# UZURV



## JimS (Aug 18, 2015)

UZURV is being talked about in about a half-dozen City subforums. Would like a consolidated discussion here. Are they legit? Are they legal?

Riders pay, drivers pay, apparently there are incentives, but no details on how the driver get paid those. No 1099s that I'm aware of.

Lots of nice pictures and well groomed spokespeople for them out there. I'd like to hear some real testimonies.


----------



## HERR_UBERMENSCH (Jun 3, 2016)

Driver gets paid BY UBER, the incentives may be discounts but as far as I know UZURV is only a taker, not a giver.


----------



## JimS (Aug 18, 2015)

Uber has absolutely nothing to do with UZURV. There isn't even a tap into the API.
Their website touts "Generous Driver Referral Reward system" and "Incentives are monetary enticements offered by riders to drivers to accept a reservation." How does that money transfer back to the driver? Is it a deposit? Is it deducted from your account of fees?


----------



## UberJeffG (Aug 1, 2015)

Driver payout was via check for February and March. April and May were paid via Square Cash via email with no account required. Electronic transfer could be claimed with your debit card or declined, in which case they cut you a check. Running totals accrue in a visible tally inside the app called the "Bank".


----------



## Bart McCoy (Nov 4, 2014)

But it's really based on hailing, which is illegal
Lots of people only think hailing is when you stand on a street corner and wave your hands


----------



## JimS (Aug 18, 2015)

Bart McCoy said:


> But it's really based on hailing, which is illegal
> Lots of people only think hailing is when you stand on a street corner and wave your hands


Of all the valid arguments available, this is the least valid. Uber exists solely on skirting regulation by pre arranging rides, albeit in seconds rather than minutes/hours/days. The scheduling part is the least controversial of any of the debates.


----------



## Bart McCoy (Nov 4, 2014)

JimS said:


> Of all the valid arguments available, this is the least valid. Uber exists solely on skirting regulation by pre arranging rides, albeit in seconds rather than minutes/hours/days. The scheduling part is the least controversial of any of the debates.

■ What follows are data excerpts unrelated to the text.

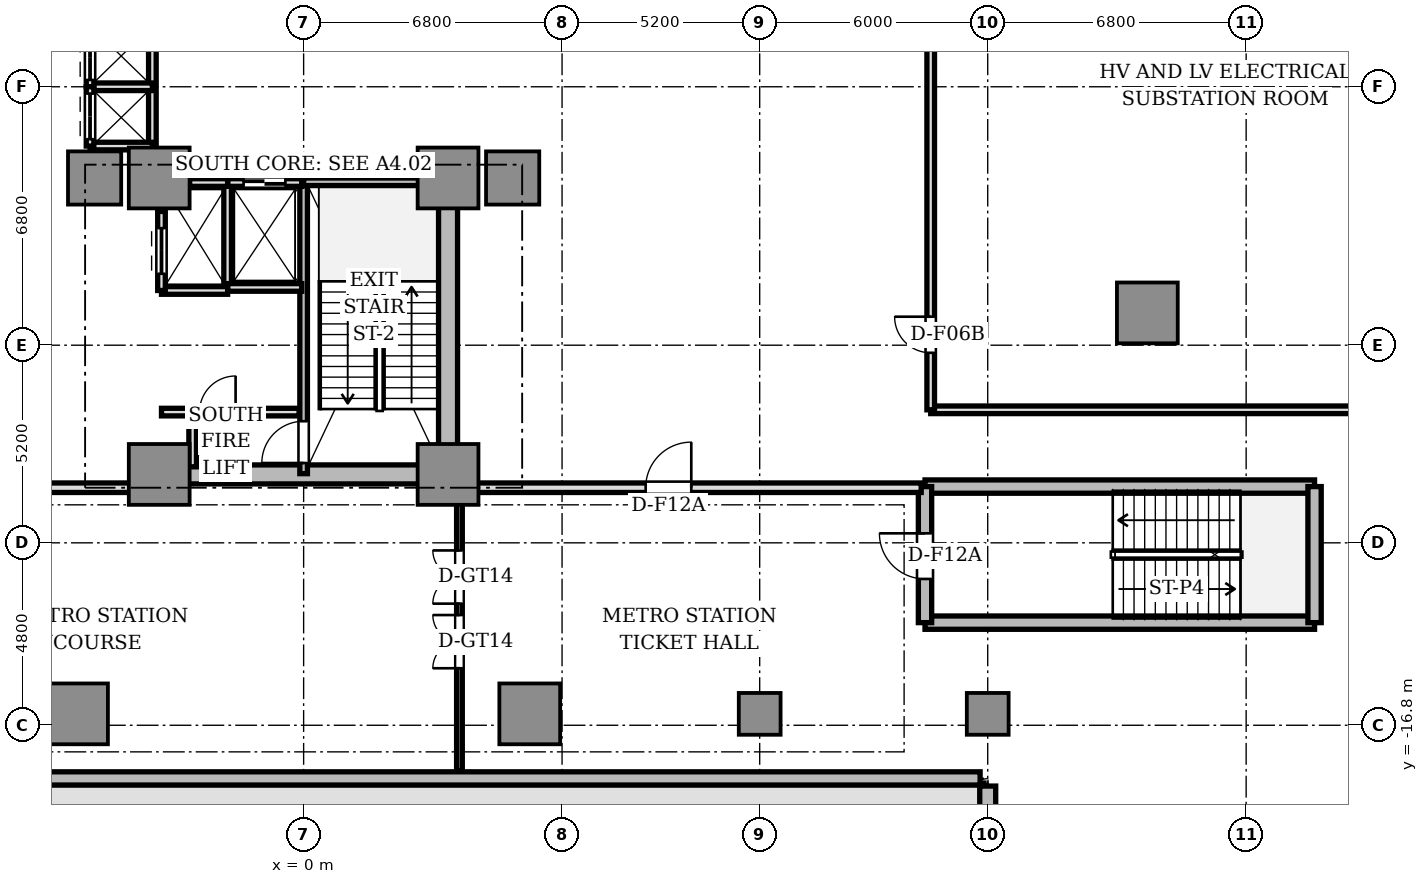
"""IFC4 building model, lengths in metres.
Left out: names, types, materials, properties, quantities, classifications, styles, units other than length and angle.
Written with IfcOpenShell. Run it as: python <this file> out.ifc"""

import sys

from ifc_helpers import new_model, si_unit, direction, frame, frame_2d, origin, origin_2d, place, context, subcontext, project, spatial, rectangle, circle, extrude, source, transform, mapped, element, fill, save


model = new_model("IFC4")
c1 = context("Model", 3, precision=1e-05, world=origin(), true_north=direction((0.0, 1.0)))
c2 = subcontext(c1, "Body", "Model", "MODEL_VIEW")
j1 = project(units=[si_unit("LENGTHUNIT", "METRE"), si_unit("PLANEANGLEUNIT", "RADIAN")], contexts=[c1])
p1 = place(None, origin())
s1 = spatial("IfcSite", under=j1, at=p1, CompositionType="ELEMENT")
p2 = place(p1, origin())
s2 = spatial("IfcBuilding", under=s1, at=p2, CompositionType="ELEMENT")
p3 = place(p2, frame((0.0, 0.0, -4.5)))
s3 = spatial("IfcBuildingStorey", under=s2, at=p3, CompositionType="ELEMENT", Elevation=-4.5)
p4 = place(p3, frame((-3.55, -10.2, 0.0), z_axis=(0.0, 0.0, 1.0), x_axis=(1.0, 0.0, 0.0)))
e1 = element("IfcWall", 1, at=p4, inside=s3, PredefinedType="SHEAR", context=c2, shape_type="SweptSolid", body=[
    extrude(rectangle(XDim=7.1, YDim=0.5, at=frame_2d((3.55, 0.0))), origin(), (0.0, 0.0, 1.0), 4.1),
])
p5 = place(p3, frame((3.8, -9.75, 0.0), z_axis=(0.0, 0.0, 1.0), x_axis=(0.0, 1.0, 0.0)))
e2 = element("IfcWall", 2, at=p5, inside=s3, PredefinedType="SHEAR", context=c2, shape_type="SweptSolid", body=[
    extrude(rectangle(XDim=6.9, YDim=0.5, at=frame_2d((3.45, 0.0))), origin(), (0.0, 0.0, 1.0), 4.1),
])
m1 = source(origin(), c2, "Body", "SweptSolid", [
    extrude(rectangle(XDim=1.6, YDim=1.6, at=origin_2d()), origin(), (0.0, 0.0, 1.0), 4.1),
])
for number, where, z_axis, x_axis in (
    (3, (-3.8, -2.4, 0.0), (0.0, 0.0, 1.0), (1.0, 0.0, 0.0)),
    (4, (3.8, -2.4, 0.0), (0.0, 0.0, 1.0), (1.0, 0.0, 0.0)),
    (5, (-3.8, -10.2, 0.0), (0.0, 0.0, 1.0), (1.0, 0.0, 0.0)),
    (6, (3.8, -10.2, 0.0), (0.0, 0.0, 1.0), (1.0, 0.0, 0.0)),
):
    element("IfcColumn", number, at=place(p3, frame(where, z_axis=z_axis, x_axis=x_axis)), inside=s3, PredefinedType="COLUMN", context=c2, shape_type="MappedRepresentation", body=[
        mapped(m1, transform((0.0, 0.0, 0.0), scale=1.0)),
    ])
m2 = source(origin(), c2, "Body", "SweptSolid", [
    extrude(rectangle(XDim=1.4, YDim=1.4, at=origin_2d()), origin(), (0.0, 0.0, 1.0), 4.1),
])
for number, where, z_axis, x_axis in (
    (7, (5.5, -2.4, 0.0), (0.0, 0.0, 1.0), (1.0, 0.0, 0.0)),
    (8, (-5.5, -2.4, 0.0), (0.0, 0.0, 1.0), (1.0, 0.0, 0.0)),
):
    element("IfcColumn", number, at=place(p3, frame(where, z_axis=z_axis, x_axis=x_axis)), inside=s3, PredefinedType="COLUMN", context=c2, shape_type="MappedRepresentation", body=[
        mapped(m2, transform((0.0, 0.0, 0.0), scale=1.0)),
    ])
for number, where, z_axis, x_axis in (
    (9, (22.2, -5.95, 0.0), (0.0, 0.0, 1.0), (1.0, 0.0, 0.0)),
    (10, (-5.95, -16.5, 0.0), (0.0, 0.0, 1.0), (1.0, 0.0, 0.0)),
    (11, (5.95, -16.5, 0.0), (0.0, 0.0, 1.0), (1.0, 0.0, 0.0)),
):
    element("IfcColumn", number, at=place(p3, frame(where, z_axis=z_axis, x_axis=x_axis)), inside=s3, PredefinedType="COLUMN", context=c2, shape_type="MappedRepresentation", body=[
        mapped(m1, transform((0.0, 0.0, 0.0), scale=1.0)),
    ])
m3 = source(origin(), c2, "Body", "SweptSolid", [
    extrude(circle(Radius=0.55, at=origin_2d()), origin(), (0.0, 0.0, 1.0), 4.1),
])
for number, where, z_axis, x_axis in (
    (12, (12.0, -16.5, 0.0), (0.0, 0.0, 1.0), (1.0, 0.0, 0.0)),
    (13, (18.0, -16.5, 0.0), (0.0, 0.0, 1.0), (1.0, 0.0, 0.0)),
):
    element("IfcColumn", number, at=place(p3, frame(where, z_axis=z_axis, x_axis=x_axis)), inside=s3, PredefinedType="COLUMN", context=c2, shape_type="MappedRepresentation", body=[
        mapped(m3, transform((0.0, 0.0, 0.0), scale=1.0)),
    ])
p6 = place(p3, frame((18.0, -25.0, 0.0), z_axis=(0.0, 0.0, 1.0), x_axis=(0.0, 1.0, 0.0)))
e14 = element("IfcWall", 14, at=p6, inside=s3, PredefinedType="SHEAR", context=c2, shape_type="SweptSolid", body=[
    extrude(rectangle(XDim=6.6, YDim=0.42, at=frame_2d((3.3, 0.0))), origin(), (0.0, 0.0, 1.0), 4.22),
])
p7 = place(p3, frame((-17.8, -18.2, 0.0), z_axis=(0.0, 0.0, 1.0), x_axis=(1.0, 0.0, 0.0)))
e15 = element("IfcWall", 15, at=p7, inside=s3, PredefinedType="SHEAR", context=c2, shape_type="SweptSolid", body=[
    extrude(rectangle(XDim=35.6, YDim=0.35, at=frame_2d((17.8, 0.0))), origin(), (0.0, 0.0, 1.0), 4.22),
])
p8 = place(p3, frame((0.0, -10.18, 0.0), z_axis=(0.0, 0.0, 1.0), x_axis=(0.0, 1.0, 0.0)))
e16 = element("IfcWall", 16, at=p8, inside=s3, PredefinedType="SOLIDWALL", context=c2, shape_type="SweptSolid", body=[
    extrude(rectangle(XDim=7.68, YDim=0.2, at=frame_2d((3.84, 0.0))), origin(), (0.0, 0.0, 1.0), 4.1),
])
p9 = place(p8, frame((0.28, 0.0, 0.0)))
e17 = element("IfcOpeningElement", 17, at=p9, cuts=e16, PredefinedType="OPENING", context=c2, shape_type="SweptSolid", body=[
    extrude(rectangle(XDim=1.1, YDim=2.15, at=frame_2d((0.55, 1.075))), frame((0.0, 0.11, 0.0), z_axis=(0.0, -1.0, 0.0), x_axis=(1.0, 0.0, 0.0)), (0.0, 0.0, 1.0), 0.22),
])
p10 = place(p3, frame((0.0, -2.5, 0.0), z_axis=(0.0, 0.0, 1.0), x_axis=(1.0, 0.0, 0.0)))
e18 = element("IfcWall", 18, at=p10, inside=s3, PredefinedType="SOLIDWALL", context=c2, shape_type="SweptSolid", body=[
    extrude(rectangle(XDim=3.72, YDim=0.2, at=frame_2d((1.86, 0.0))), origin(), (0.0, 0.0, 1.0), 4.1),
])
p11 = place(p3, frame((-2.0, -5.28, 0.0), z_axis=(0.0, 0.0, 1.0), x_axis=(0.0, 1.0, 0.0)))
e19 = element("IfcWall", 19, at=p11, inside=s3, PredefinedType="SOLIDWALL", context=c2, shape_type="SweptSolid", body=[
    extrude(rectangle(XDim=2.78, YDim=0.2, at=frame_2d((1.39, 0.0))), origin(), (0.0, 0.0, 1.0), 3.65),
])
p12 = place(p3, frame((-2.0, -5.28, 0.0), z_axis=(0.0, 0.0, 1.0), x_axis=(1.0, 0.0, 0.0)))
e20 = element("IfcWall", 20, at=p12, inside=s3, PredefinedType="SOLIDWALL", context=c2, shape_type="SweptSolid", body=[
    extrude(rectangle(XDim=1.95, YDim=0.2, at=frame_2d((0.975, 0.0))), origin(), (0.0, 0.0, 1.0), 3.65),
])
p13 = place(p3, frame((-2.0, -2.52, 0.0), z_axis=(0.0, 0.0, 1.0), x_axis=(1.0, 0.0, 0.0)))
e21 = element("IfcWall", 21, at=p13, inside=s3, PredefinedType="SOLIDWALL", context=c2, shape_type="SweptSolid", body=[
    extrude(rectangle(XDim=1.95, YDim=0.2, at=frame_2d((0.975, 0.0))), origin(), (0.0, 0.0, 1.0), 3.65),
])
p14 = place(p13, frame((0.42, 0.0, 0.0)))
e22 = element("IfcOpeningElement", 22, at=p14, cuts=e21, PredefinedType="OPENING", context=c2, shape_type="SweptSolid", body=[
    extrude(rectangle(XDim=1.1, YDim=2.2, at=frame_2d((0.55, 1.1))), frame((0.0, 0.11, 0.0), z_axis=(0.0, -1.0, 0.0), x_axis=(1.0, 0.0, 0.0)), (0.0, 0.0, 1.0), 0.22),
])
p15 = place(p3, frame((-3.0, -2.52, 0.0), z_axis=(0.0, 0.0, 1.0), x_axis=(1.0, 0.0, 0.0)))
e23 = element("IfcWall", 23, at=p15, inside=s3, PredefinedType="SOLIDWALL", context=c2, shape_type="SweptSolid", body=[
    extrude(rectangle(XDim=1.0, YDim=0.2, at=frame_2d((0.5, 0.0))), origin(), (0.0, 0.0, 1.0), 3.65),
])
p16 = place(p3, frame((-3.74, -5.36, 0.0), z_axis=(0.0, 0.0, 1.0), x_axis=(1.0, 0.0, 0.0)))
e24 = element("IfcWall", 24, at=p16, inside=s3, PredefinedType="SOLIDWALL", context=c2, shape_type="SweptSolid", body=[
    extrude(rectangle(XDim=1.74, YDim=0.2, at=frame_2d((0.87, 0.0))), origin(), (0.0, 0.0, 1.0), 3.65),
])
p17 = place(p3, frame((-3.74, -5.36, 0.0), z_axis=(0.0, 0.0, 1.0), x_axis=(0.0, 1.0, 0.0)))
e25 = element("IfcWall", 25, at=p17, inside=s3, PredefinedType="SOLIDWALL", context=c2, shape_type="SweptSolid", body=[
    extrude(rectangle(XDim=2.08, YDim=0.2, at=frame_2d((1.04, 0.0))), origin(), (0.0, 0.0, 1.0), 3.65),
])
p18 = place(p17, frame((0.44, 0.0, 0.0)))
e26 = element("IfcOpeningElement", 26, at=p18, cuts=e25, PredefinedType="OPENING", context=c2, shape_type="SweptSolid", body=[
    extrude(rectangle(XDim=1.2, YDim=2.2, at=frame_2d((0.6, 1.1))), frame((0.0, 0.11, 0.0), z_axis=(0.0, -1.0, 0.0), x_axis=(1.0, 0.0, 0.0)), (0.0, 0.0, 1.0), 0.22),
])
p19 = place(p3, frame((-3.98, -1.56, 0.0), z_axis=(0.0, 0.0, 1.0), x_axis=(0.0, 1.0, 0.0)))
e27 = element("IfcWall", 27, at=p19, inside=s3, PredefinedType="SOLIDWALL", context=c2, shape_type="SweptSolid", body=[
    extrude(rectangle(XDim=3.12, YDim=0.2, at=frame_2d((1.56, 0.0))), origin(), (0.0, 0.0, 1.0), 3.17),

you should probably read up the definition of hailing before you make such a reply


----------



## MattyMikey (Aug 19, 2015)

JimS said:


> Of all the valid arguments available, this is the least valid. Uber exists solely on skirting regulation by pre arranging rides, albeit in seconds rather than minutes/hours/days. The scheduling part is the least controversial of any of the debates.


I believe but could be wrong how Uber skirts regulation is they play the "Rideshare" mentality. Basically users are supposed to be paired with direction they're going. So I believe Bart McCoy is correct but what I wonder now with Uber and Lyft doing the scheduled rides if they're opening up themselves for issues like this...


----------



## JimS (Aug 18, 2015)

Bart McCoy said:


> you should probably read up the definition of hailing before you make such a reply


You may be legally or technically precise, but the_ common_ relevant definition is:








So, rather than be a jerk about it, why not post a reference to your obscure chosen definition?

Besides, we all know we're talking about street hailing, and truncating "street" for brevity.

The point is, there is no difference between pre arranging a ride on a calendar vs an app.


----------



## Bart McCoy (Nov 4, 2014)

JimS said:


> You may be legally or technically precise, but the_ common_ relevant definition is:
> View attachment 45625
> 
> So, rather than be a jerk about it, why not post a reference to your obscure chosen definition?
> ...


I clearly said "legally that's called hailing", so there should have been no confusion of me referring to some common definition
My point is , legally, simply street hailing is not all that is illegal. Driving to someone pre-determined, then havng them request a ride to get Uber, is hailing. Its not hailing as long as that ride is random thru the app. Again, if it was legal, all Uber drivers would be doing this. When they see somebody on the street hail a cab, they would just pull up and say hey im Uber,request Uber now. If you do that, and the authorities see you, you will get a fat ticket.


----------



## JimS (Aug 18, 2015)

I still would like to see some reference to your legal definition (which, by the way, can vary by jurisdiction).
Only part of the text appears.